Safe Haskell | None |
---|---|
Language | Haskell2010 |
Manipulate identifiers and structurally non-complex pieces of text by delimiting word boundaries via a combination of whitespace, control-characters, and case-sensitivity.
Assumptions have been made about word boundary characteristics inherint in predominantely English text, please see individual function documentation for further details and behaviour.
- takeWord :: Text -> Text
- dropWord :: Text -> Text
- stripWord :: Text -> Maybe Text
- breakWord :: Text -> (Text, Text)
- splitWords :: Text -> [Text]
- lowerHead :: Text -> Text
- upperHead :: Text -> Text
- mapHead :: (Char -> Char) -> Text -> Text
- indentLines :: Int -> Text -> Text
- prependLines :: Text -> Text -> Text
- toEllipsis :: Int64 -> Text -> Text
- toEllipsisWith :: Int64 -> Text -> Text -> Text
- toAcronym :: Text -> Maybe Text
- toOrdinal :: Integral a => a -> Text
- toTitle :: Text -> Text
- toCamel :: Text -> Text
- toPascal :: Text -> Text
- toSnake :: Text -> Text
- toSpinal :: Text -> Text
- toTrain :: Text -> Text
- isBoundary :: Char -> Bool
- isWordBoundary :: Char -> Bool
Strict vs lazy types
This library provides functions for manipulating both strict and lazy Text types. The strict functions are provided by the Data.Text.Manipulate module, while the lazy functions are provided by the Data.Text.Lazy.Manipulate module.
Unicode
While this library supports Unicode in a similar fashion to the underlying text library, more explicit Unicode specific handling of word boundaries can be found in the text-icu library.
Fusion
Many functions in this module are subject to fusion, meaning that a pipeline of such functions will usually allocate at most one Text value.
Functions that can be fused by the compiler are documented with the phrase Subject to fusion.
Subwords
Removing words
takeWord :: Text -> Text Source
O(n) Returns the first word, or the original text if no word boundary is encountered.

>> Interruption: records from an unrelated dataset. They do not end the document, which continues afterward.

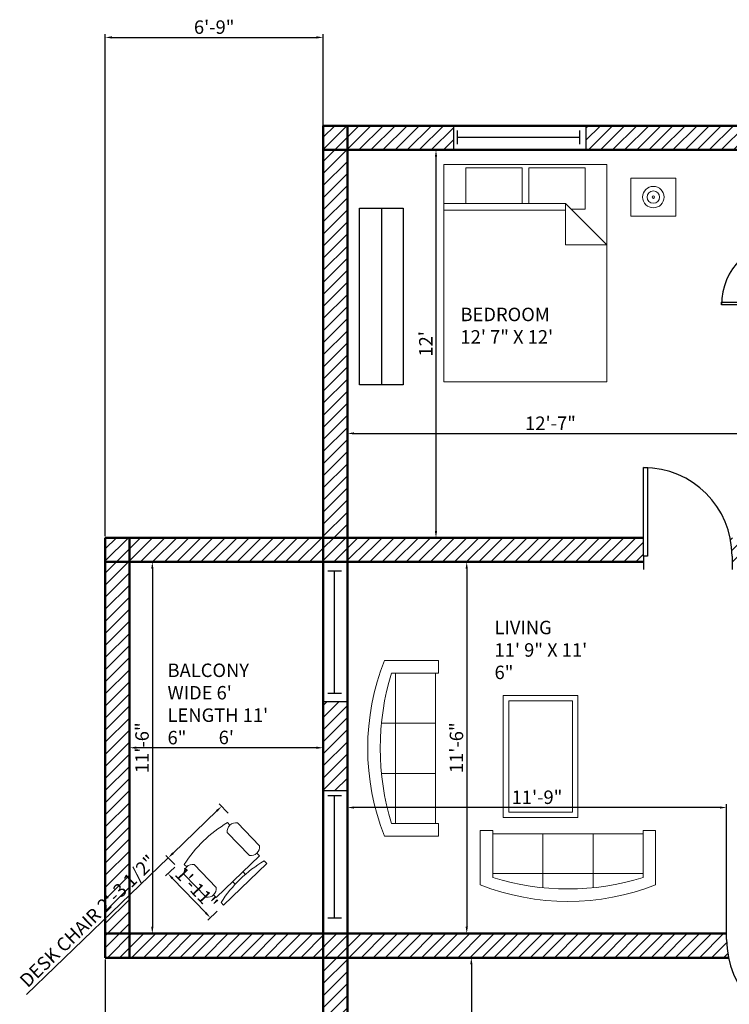
# Model space of a CAD drawing. Units: millimetres. Extents: x 2829 to 4029, y 962 to 1687.
# Tile 6 of 7: x 3412 to 3676, y 1321 to 1687. Entities that reach past the tile are written whole.
import ezdxf

# ---------------------------------------------------------------- set-up
doc = ezdxf.new("R2010")
doc.units = ezdxf.units.MM
for name, color, linetype, lineweight in [('A-ANNO-DIMS', 140, 'Continuous', 18), ('A-AREA-IDEN', 190, 'Continuous', 25), ('A-FLOR-CASE', 90, 'Continuous', 25), ('A-WALL-PATT', 2, 'Continuous', 13), ('doors', 10, 'Continuous', 25), ('furniture', 90, 'Continuous', 18), ('walls', 50, 'Continuous', 50), ('windows', 30, 'Continuous', 25)]:
    doc.layers.add(name, color=color, linetype=linetype, lineweight=lineweight)
doc.styles.get("Standard").update_dxf_attribs({"font": 'arial.ttf'})
doc.dimstyles.new('ISO-25', dxfattribs={"dimtxt": 5, "dimasz": 2.5, "dimexe": 1.25, "dimexo": 0.625, "dimtad": 1, "dimdec": 0, "dimlunit": 3, "dimtxsty": 'Standard', "dimcen": 2.5, "dimadec": 0, "dimazin": 0, "dimtfac": 1, "dimtdec": 0, "dimtmove": 0, "dimatfit": 3, "dimfxl": 1, "dimarcsym": 0})

# ---------------------------------------------------------------- blocks, each defined once
blk = doc.blocks.new('*U2')
for p, q in [((0, 0), (0, -6)), ((40, 0), (40, -6))]:
    blk.add_line(p, q)
blk.add_lwpolyline([(0, 0), (0, 40), (1.75, 40), (1.75, 0)], close=True)
blk.add_arc((0, 0), 40, 0, 90)
blk = doc.blocks.new('*U32')
for p, q in [((0, 4), (0, 0)), ((36, 4), (36, 0)), ((0, 2), (36, 2))]:
    blk.add_line(p, q)
blk = doc.blocks.new('Bed - Queen')
for p, q in [((0, -80.00003), (0, 0)), ((0, 0), (59.99999, 0)), ((59.99999, 0), (59.99999, -80.00003)), ((7.99999, -1.2), (28.79998, -1.2)), ((7.99999, -14.4), (7.99999, -1.2)), ((28.79998, -1.2), (28.79998, -14.4)), ((31.19999, -1.2), (51.99999, -1.2)), ((31.19999, -14.4), (31.19999, -1.2)), ((51.99999, -1.2), (51.99999, -16.4)), ((0, -14.4), (44.8, -14.4)), ((59.99999, -29.6), (44.8, -14.4)), ((44.8, -14.4), (44.8, -29.6)), ((44.8, -16.8), (0, -16.8)), ((51.99999, -16.4), (46.79936, -16.4)), ((44.8, -29.6), (59.99999, -29.6)), ((59.99999, -80.00003), (0, -80.00003))]:
    blk.add_line(p, q)
blk = doc.blocks.new('Sofa - Roundback 7 ft.')
for p, q in [((-12.00002, -32.4421), (-12.00003, -6.5971)), ((11.99997, -32.4421), (11.99998, -6.5971)), ((-36.000027, -34), (-36.000027, -11.4696)), ((-35.999844, -13.3819), (35.9998, -13.3819)), ((35.99998, -34), (35.99998, -11.4696)), ((-36.000027, -32.4421), (35.99998, -32.4421))]:
    blk.add_line(p, q)
for points in [[(-36.000027, -34), (-42.000027, -34), (-42.000027, -8)], [(41.99998, -8), (41.99998, -34), (35.99998, -34)]]:
    blk.add_lwpolyline(points)
for centre, radius, start, end in [((0, -114.25), 114.25, 68.43141, 111.5686), ((-0.00001, -127.1968), 121.1968, 72.72033, 107.2797)]:
    blk.add_arc(centre, radius, start, end)
blk = doc.blocks.new('Chair - Desk')
for p, q in [((-8.5, 0), (-8.5, -1)), ((-8.5, 0), (8.5, 0)), ((8.5, 0), (8.5, -1)), ((-2, -3), (-2, -1.9355)), ((2, -1.9576), (2, -3)), ((-10.5, -5), (-10.5, -14)), ((-8.5, -3), (-8.5, -4)), ((-8.5, -3), (8.5, -3)), ((-6.5, -14), (-6.5, -5)), ((6.5, -5), (6.5, -14)), ((8.5, -3), (8.5, -4)), ((10.5, -14), (10.5, -5)), ((-8.5, -15), (-8.5, -16)), ((8.5, -15), (8.5, -16))]:
    blk.add_line(p, q)
for centre, radius, start, end in [((0, 34.625), 36.625, 256.5803, 283.4197), ((-8.5, -6.5), 2.5, 36.8699, 143.1301), ((8.5, -6.5), 2.5, 36.8699, 143.1301), ((-8.5, -12.5), 2.5, 216.8699, 323.1301), ((0, 19.625), 36.625, 256.5803, 283.4197), ((8.5, -12.5), 2.5, 216.8699, 323.1301)]:
    blk.add_arc(centre, radius, start, end)
blk = doc.blocks.new('*D36')
at = {"layer": 'A-ANNO-DIMS', "color": 0, "lineweight": -2, "transparency": 16777216}
for p, q in [((3533.66, 1539.68), (3533.66, 1531.75)), ((3684.66, 1539.68), (3684.66, 1531.75)), ((3536.16, 1533), (3682.16, 1533))]:
    blk.add_line(p, q, dxfattribs=at)
at = {"layer": 'A-ANNO-DIMS', "color": 0, "transparency": 16777216}
for points in [[(3536.16, 1533.42), (3536.16, 1532.59), (3533.66, 1533)], [(3682.16, 1533.42), (3682.16, 1532.59), (3684.66, 1533)]]:
    blk.add_solid(points, dxfattribs=at)
at = {"layer": 'Defpoints', "color": 0, "transparency": 16777216}
for p in [(3533.66, 1540.3), (3684.66, 1540.3), (3684.66, 1533)]:
    blk.add_point(p, dxfattribs=at)
at = {"layer": 'A-ANNO-DIMS', "color": 0, "transparency": 16777216, "insert": (3609.16, 1536.14), "char_height": 5, "attachment_point": 5}
blk.add_mtext('12\'-7"', dxfattribs=at)
blk = doc.blocks.new('*D37')
at = {"layer": 'A-ANNO-DIMS', "color": 0, "lineweight": -2, "transparency": 16777216}
for p, q in [((3563.74, 1638.27), (3567.84, 1638.27)), ((3566.59, 1635.77), (3566.59, 1496.77)), ((3563.74, 1494.27), (3567.84, 1494.27))]:
    blk.add_line(p, q, dxfattribs=at)
at = {"layer": 'A-ANNO-DIMS', "color": 0, "transparency": 16777216}
for points in [[(3566.17, 1635.77), (3567.01, 1635.77), (3566.59, 1638.27)], [(3566.17, 1496.77), (3567.01, 1496.77), (3566.59, 1494.27)]]:
    blk.add_solid(points, dxfattribs=at)
at = {"layer": 'Defpoints', "color": 0, "transparency": 16777216}
for p in [(3563.12, 1638.27), (3563.12, 1494.27), (3566.59, 1494.27)]:
    blk.add_point(p, dxfattribs=at)
at = {"layer": 'A-ANNO-DIMS', "color": 0, "transparency": 16777216, "insert": (3563.45, 1566.27), "char_height": 5, "attachment_point": 5, "rotation": 90}
blk.add_mtext("12'", dxfattribs=at)
blk = doc.blocks.new('*D47')
at = {"layer": 'A-ANNO-DIMS', "color": 0, "lineweight": -2, "transparency": 16777216}
for p, q in [((3579.16, 1338.27), (3580.98, 1338.27)), ((3579.73, 1335.77), (3579.73, 1196.77)), ((3579.16, 1194.27), (3580.98, 1194.27))]:
    blk.add_line(p, q, dxfattribs=at)
at = {"layer": 'A-ANNO-DIMS', "color": 0, "transparency": 16777216}
for points in [[(3579.31, 1335.77), (3580.15, 1335.77), (3579.73, 1338.27)], [(3579.31, 1196.77), (3580.15, 1196.77), (3579.73, 1194.27)]]:
    blk.add_solid(points, dxfattribs=at)
at = {"layer": 'Defpoints', "color": 0, "transparency": 16777216}
for p in [(3578.53, 1338.27), (3578.53, 1194.27), (3579.73, 1194.27)]:
    blk.add_point(p, dxfattribs=at)
at = {"layer": 'A-ANNO-DIMS', "color": 0, "transparency": 16777216, "insert": (3576.59, 1266.27), "char_height": 5, "attachment_point": 5, "rotation": 90}
blk.add_mtext("12'", dxfattribs=at)
blk = doc.blocks.new('*D49')
at = {"layer": 'A-ANNO-DIMS', "color": 0, "lineweight": -2, "transparency": 16777216}
for p, q in [((3452.66, 1410.61), (3452.66, 1417.52)), ((3522.16, 1416.27), (3455.16, 1416.27)), ((3524.66, 1410.61), (3524.66, 1417.52))]:
    blk.add_line(p, q, dxfattribs=at)
at = {"layer": 'A-ANNO-DIMS', "color": 0, "transparency": 16777216}
for points in [[(3455.16, 1416.69), (3455.16, 1415.85), (3452.66, 1416.27)], [(3522.16, 1416.69), (3522.16, 1415.85), (3524.66, 1416.27)]]:
    blk.add_solid(points, dxfattribs=at)
at = {"layer": 'Defpoints', "color": 0, "transparency": 16777216}
for p in [(3452.66, 1416.27), (3452.66, 1409.99), (3524.66, 1409.99)]:
    blk.add_point(p, dxfattribs=at)
at = {"layer": 'A-ANNO-DIMS', "color": 0, "transparency": 16777216, "insert": (3488.66, 1419.45), "char_height": 5, "attachment_point": 5}
blk.add_mtext("6'", dxfattribs=at)
blk = doc.blocks.new('*D50')
at = {"layer": 'A-ANNO-DIMS', "color": 0, "lineweight": -2, "transparency": 16777216}
for p, q in [((3461.79, 1485.27), (3462.42, 1485.27)), ((3461.17, 1482.77), (3461.17, 1349.77)), ((3461.79, 1347.27), (3462.42, 1347.27))]:
    blk.add_line(p, q, dxfattribs=at)
at = {"layer": 'A-ANNO-DIMS', "color": 0, "transparency": 16777216}
for points in [[(3460.75, 1482.77), (3461.58, 1482.77), (3461.17, 1485.27)], [(3460.75, 1349.77), (3461.58, 1349.77), (3461.17, 1347.27)]]:
    blk.add_solid(points, dxfattribs=at)
at = {"layer": 'Defpoints', "color": 0, "transparency": 16777216}
for p in [(3461.17, 1485.27), (3461.17, 1347.27), (3461.17, 1347.27)]:
    blk.add_point(p, dxfattribs=at)
at = {"layer": 'A-ANNO-DIMS', "color": 0, "transparency": 16777216, "insert": (3457.99, 1416.27), "char_height": 5, "attachment_point": 5, "rotation": 90}
blk.add_mtext('11\'-6"', dxfattribs=at)
blk = doc.blocks.new('*D51')
at = {"layer": 'A-ANNO-DIMS', "color": 0, "lineweight": -2, "transparency": 16777216}
for p, q in [((3576.92, 1485.27), (3579.27, 1485.27)), ((3578.02, 1482.77), (3578.02, 1349.77)), ((3576.92, 1347.27), (3579.27, 1347.27))]:
    blk.add_line(p, q, dxfattribs=at)
at = {"layer": 'A-ANNO-DIMS', "color": 0, "transparency": 16777216}
for points in [[(3577.6, 1482.77), (3578.43, 1482.77), (3578.02, 1485.27)], [(3577.6, 1349.77), (3578.43, 1349.77), (3578.02, 1347.27)]]:
    blk.add_solid(points, dxfattribs=at)
at = {"layer": 'Defpoints', "color": 0, "transparency": 16777216}
for p in [(3576.29, 1485.27), (3576.29, 1347.27), (3578.02, 1347.27)]:
    blk.add_point(p, dxfattribs=at)
at = {"layer": 'A-ANNO-DIMS', "color": 0, "transparency": 16777216, "insert": (3574.84, 1416.27), "char_height": 5, "attachment_point": 5, "rotation": 90}
blk.add_mtext('11\'-6"', dxfattribs=at)
blk = doc.blocks.new('*D52')
at = {"layer": 'A-ANNO-DIMS', "color": 0, "lineweight": -2, "transparency": 16777216}
for p, q in [((3533.66, 1347.9), (3533.66, 1395.32)), ((3672.11, 1394.07), (3536.16, 1394.07)), ((3674.61, 1345.65), (3674.61, 1395.32))]:
    blk.add_line(p, q, dxfattribs=at)
at = {"layer": 'A-ANNO-DIMS', "color": 0, "transparency": 16777216}
for points in [[(3536.16, 1394.48), (3536.16, 1393.65), (3533.66, 1394.07)], [(3672.11, 1394.48), (3672.11, 1393.65), (3674.61, 1394.07)]]:
    blk.add_solid(points, dxfattribs=at)
at = {"layer": 'Defpoints', "color": 0, "transparency": 16777216}
for p in [(3533.66, 1394.07), (3533.66, 1347.27), (3674.61, 1345.02)]:
    blk.add_point(p, dxfattribs=at)
at = {"layer": 'A-ANNO-DIMS', "color": 0, "transparency": 16777216, "insert": (3604.14, 1397.24), "char_height": 5, "attachment_point": 5}
blk.add_mtext('11\'-9"', dxfattribs=at)
blk = doc.blocks.new('*D83')
at = {"layer": 'A-ANNO-DIMS', "color": 0, "lineweight": -2, "transparency": 16777216}
for p, q in [((3489.34, 1391.98), (3486.03, 1395.41)), ((3485.1, 1392.78), (3468.85, 1377.11)), ((3467.05, 1375.37), (3414.45, 1324.64)), ((3469.49, 1372.85), (3466.19, 1376.27))]:
    blk.add_line(p, q, dxfattribs=at)
at = {"layer": 'A-ANNO-DIMS', "color": 0, "transparency": 16777216}
for points in [[(3484.81, 1393.08), (3485.39, 1392.48), (3486.9, 1394.51)], [(3468.56, 1377.41), (3469.14, 1376.81), (3467.05, 1375.37)]]:
    blk.add_solid(points, dxfattribs=at)
at = {"layer": 'Defpoints', "color": 0, "transparency": 16777216}
for p in [(3489.77, 1391.53), (3467.05, 1375.37), (3469.93, 1372.4)]:
    blk.add_point(p, dxfattribs=at)
at = {"layer": 'A-ANNO-DIMS', "color": 0, "transparency": 16777216, "insert": (3437.62, 1351.45), "char_height": 5, "attachment_point": 5, "rotation": 43.9609}
blk.add_mtext('DESK CHAIR 2\'-3 1/2"', dxfattribs=at)
blk = doc.blocks.new('*D84')
at = {"layer": 'A-ANNO-DIMS', "color": 0, "lineweight": -2, "transparency": 16777216}
for p, q in [((3469.48, 1371.96), (3466.05, 1368.66)), ((3468.68, 1367.73), (3481.01, 1354.94)), ((3485.27, 1355.58), (3481.85, 1352.28))]:
    blk.add_line(p, q, dxfattribs=at)
at = {"layer": 'A-ANNO-DIMS', "color": 0, "transparency": 16777216}
for points in [[(3468.98, 1368.02), (3468.38, 1367.44), (3466.95, 1369.53)], [(3481.31, 1355.23), (3480.71, 1354.66), (3482.75, 1353.15)]]:
    blk.add_solid(points, dxfattribs=at)
at = {"layer": 'Defpoints', "color": 0, "transparency": 16777216}
for p in [(3469.93, 1372.4), (3482.75, 1353.15), (3485.72, 1356.02)]:
    blk.add_point(p, dxfattribs=at)
at = {"layer": 'A-ANNO-DIMS', "color": 0, "transparency": 16777216, "insert": (3477.1, 1363.51), "char_height": 5, "attachment_point": 5, "rotation": 313.9609}
blk.add_mtext('1\'-11"', dxfattribs=at)
blk = doc.blocks.new('*D92')
at = {"layer": 'A-ANNO-DIMS', "color": 0, "lineweight": -2, "transparency": 16777216}
for p, q in [((3443.66, 1337.65), (3443.66, 962.22)), ((3991.66, 995.65), (3991.66, 962.22)), ((3446.16, 963.47), (3989.16, 963.47))]:
    blk.add_line(p, q, dxfattribs=at)
at = {"layer": 'A-ANNO-DIMS', "color": 0, "transparency": 16777216}
for points in [[(3446.16, 963.89), (3446.16, 963.05), (3443.66, 963.47)], [(3989.16, 963.89), (3989.16, 963.05), (3991.66, 963.47)]]:
    blk.add_solid(points, dxfattribs=at)
at = {"layer": 'Defpoints', "color": 0, "transparency": 16777216}
for p in [(3443.66, 1338.27), (3991.66, 996.27), (3991.66, 963.47)]:
    blk.add_point(p, dxfattribs=at)
at = {"layer": 'A-ANNO-DIMS', "color": 0, "transparency": 16777216, "insert": (3717.66, 966.65), "char_height": 5, "attachment_point": 5}
blk.add_mtext('45\'-8"', dxfattribs=at)
blk = doc.blocks.new('*D94')
at = {"layer": 'A-ANNO-DIMS', "color": 0, "lineweight": -2, "transparency": 16777216}
for p, q in [((3443.66, 1494.9), (3443.66, 1681.32)), ((3446.16, 1680.07), (3522.16, 1680.07)), ((3524.66, 1494.9), (3524.66, 1681.32))]:
    blk.add_line(p, q, dxfattribs=at)
at = {"layer": 'A-ANNO-DIMS', "color": 0, "transparency": 16777216}
for points in [[(3446.16, 1680.49), (3446.16, 1679.65), (3443.66, 1680.07)], [(3522.16, 1680.49), (3522.16, 1679.65), (3524.66, 1680.07)]]:
    blk.add_solid(points, dxfattribs=at)
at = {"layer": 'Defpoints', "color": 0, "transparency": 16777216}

Subject to fusion.
dropWord :: Text -> Text Source
O(n) Return the suffix after dropping the first word. If no word boundary is encountered, the result will be empty. Subject to fusion.
stripWord :: Text -> Maybe Text Source
O(n) Return the suffix after removing the first word, or Nothing
if no word boundary is encountered.
>>>
stripWord "HTML5Spaghetti"
Just "Spaghetti"
>>>
stripWord "noboundaries"
Nothing
Breaking on words
breakWord :: Text -> (Text, Text) Source
Break a piece of text after the first word boundary is encountered.
>>>
breakWord "PascalCasedVariable"
("Pacal", "CasedVariable")
>>>
breakWord "spinal-cased-variable"
("spinal", "cased-variable")
splitWords :: Text -> [Text] Source
O(n) Split into a list of words delimited by boundaries.
>>>
splitWords "SupercaliFrag_ilistic"
["Supercali","Frag","ilistic"]
Character manipulation
lowerHead :: Text -> Text Source
Lowercase the first character of a piece of text.
>>>
lowerHead "Title Cased"
"title Cased"
upperHead :: Text -> Text Source
Uppercase the first character of a piece of text.
>>>
upperHead "snake_cased"
"Snake_cased"
mapHead :: (Char -> Char) -> Text -> Text Source
Apply a function to the first character of a piece of text.
Line manipulation
indentLines :: Int -> Text -> Text Source
Indent newlines by the given number of spaces.
prependLines :: Text -> Text -> Text Source
Prepend newlines with the given separator
Ellipsis
toEllipsis :: Int64 -> Text -> Text Source
O(n) Truncate text to a specific length. If the text was truncated the ellipsis sign "..." will be appended.
See: toEllipsisWith
O(n) Truncate text to a specific length. If the text was truncated the given ellipsis sign will be appended.
Acronyms
toAcronym :: Text -> Maybe Text Source
O(n) Create an adhoc acronym from a piece of cased text.
>>>
toAcronym "AmazonWebServices"
Just "AWS"
>>>
toAcronym "Learn-You Some_Haskell"
Just "LYSH"
>>>
toAcronym "this_is_all_lowercase"
Nothing
Ordinals
toOrdinal :: Integral a => a -> Text Source
Render an ordinal used to denote the position in an ordered sequence.
>>>
toOrdinal (101 :: Int)
"101st"
>>>
toOrdinal (12 :: Int)
"12th"
Casing
Boundary predicates
isBoundary :: Char -> Bool Source
Returns True
for any boundary character.
isWordBoundary :: Char -> Bool Source
Returns True
for any boundary or uppercase character.